Great Expectations by Charles Dickens
Chapter XLIII.
1943 words | Chapter 46
Why should I pause to ask how much of my shrinking from Provis might be
traced to Estella? Why should I loiter on my road, to compare the state
of mind in which I had tried to rid myself of the stain of the prison
before meeting her at the coach-office, with the state of mind in which
I now reflected on the abyss between Estella in her pride and beauty,
and the returned transport whom I harboured? The road would be none the
smoother for it, the end would be none the better for it, he would not
be helped, nor I extenuated.
A new fear had been engendered in my mind by his narrative; or rather,
his narrative had given form and purpose to the fear that was already
there. If Compeyson were alive and should discover his return, I could
hardly doubt the consequence. That Compeyson stood in mortal fear of
him, neither of the two could know much better than I; and that any
such man as that man had been described to be would hesitate to release
himself for good from a dreaded enemy by the safe means of becoming an
informer was scarcely to be imagined.
Never had I breathed, and never would I breathe—or so I resolved—a word
of Estella to Provis. But, I said to Herbert that, before I could go
abroad, I must see both Estella and Miss Havisham. This was when we
were left alone on the night of the day when Provis told us his story.
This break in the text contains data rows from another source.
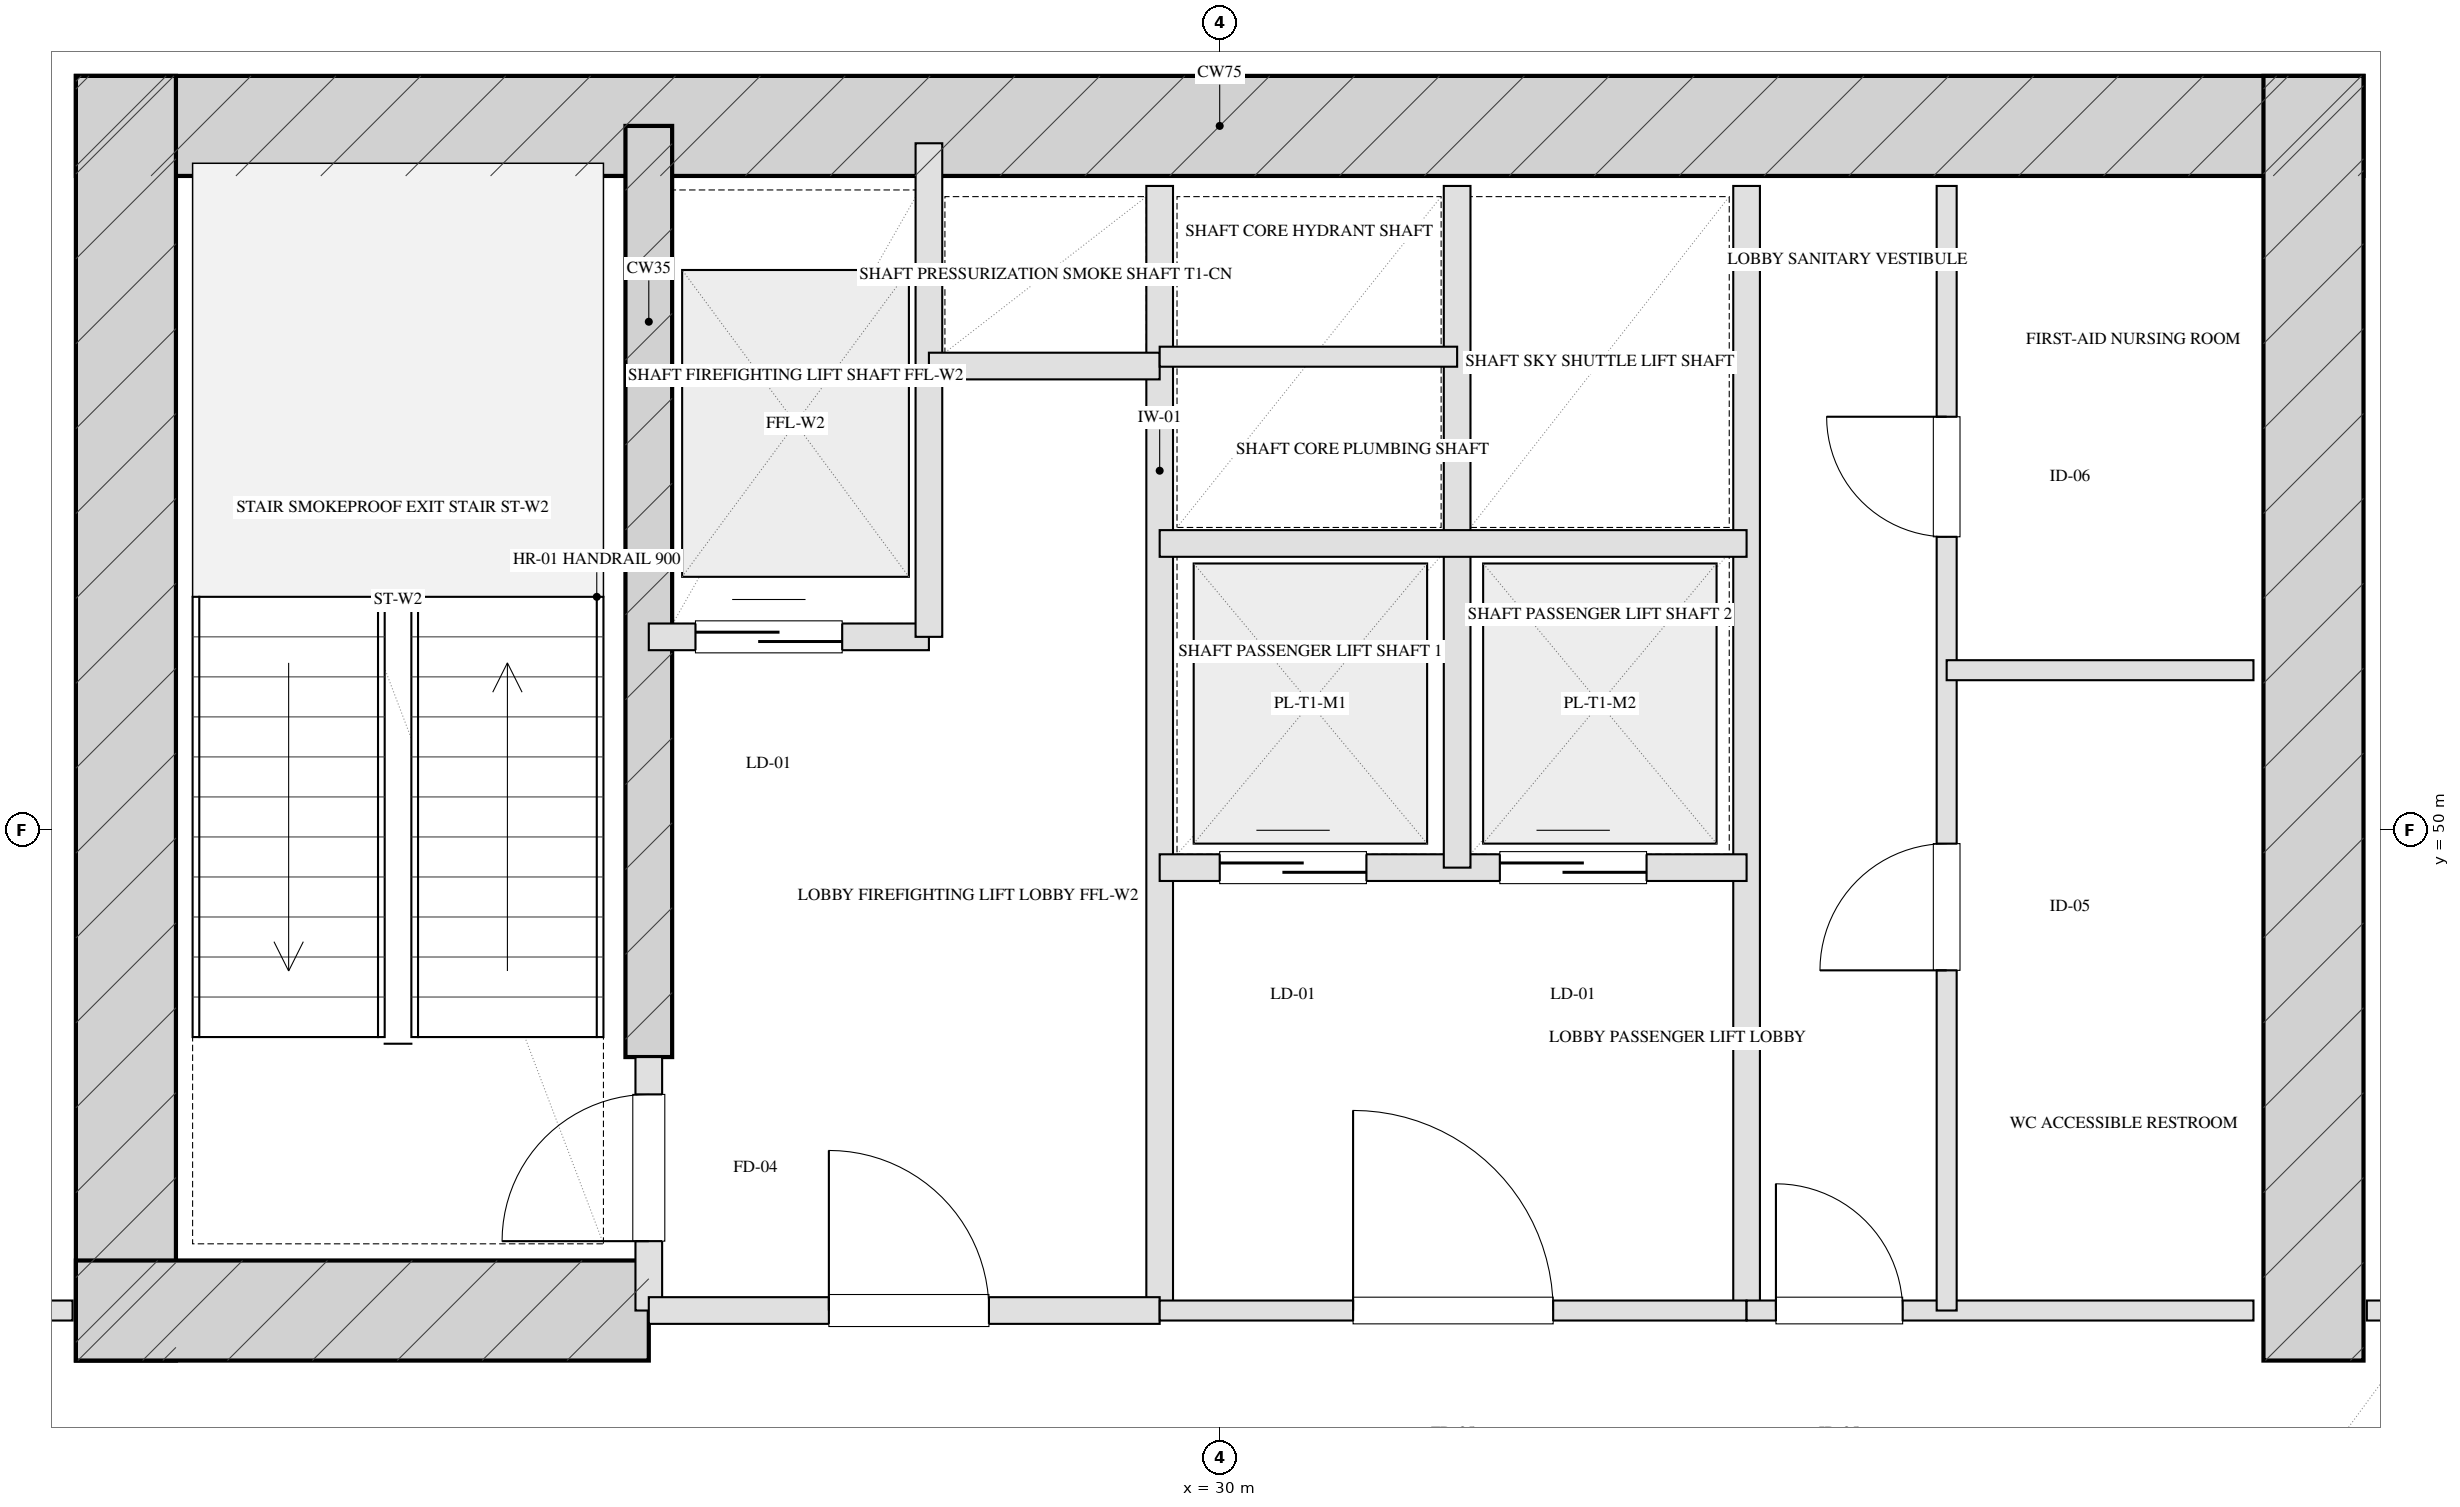
"""IFC4 building model, lengths in metres.
Left out: names, types, materials, properties, quantities, classifications, styles, units other than length and angle.
Written with IfcOpenShell. Run it as: python <this file> out.ifc"""

import sys

from ifc_helpers import new_model, si_unit, direction, frame, frame_2d, origin, place, context, subcontext, project, spatial, rectangle, extrude, element, fill, save


model = new_model("IFC4")
c1 = context("Model", 3, precision=1e-05, world=origin(), true_north=direction((0.0, 1.0)))
c2 = subcontext(c1, "Body", "Model", "MODEL_VIEW")
j1 = project(units=[si_unit("LENGTHUNIT", "METRE"), si_unit("PLANEANGLEUNIT", "RADIAN")], contexts=[c1])
p1 = place(None, origin())
s1 = spatial("IfcSite", under=j1, at=p1, CompositionType="ELEMENT")
p2 = place(p1, origin())
s2 = spatial("IfcBuilding", under=s1, at=p2, CompositionType="ELEMENT")
p3 = place(p2, frame((0.0, 0.0, 26.0)))
s3 = spatial("IfcBuildingStorey", under=s2, at=p3, CompositionType="ELEMENT", Elevation=26.0)
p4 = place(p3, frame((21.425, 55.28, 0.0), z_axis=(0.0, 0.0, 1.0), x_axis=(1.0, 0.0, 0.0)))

I resolved to go out to Richmond next day, and I went.
On my presenting myself at Mrs. Brandley’s, Estella’s maid was called
to tell that Estella had gone into the country. Where? To Satis House,
as usual. Not as usual, I said, for she had never yet gone there
without me; when was she coming back? There was an air of reservation
in the answer which increased my perplexity, and the answer was, that
her maid believed she was only coming back at all for a little while. I
could make nothing of this, except that it was meant that I should make
nothing of it, and I went home again in complete discomfiture.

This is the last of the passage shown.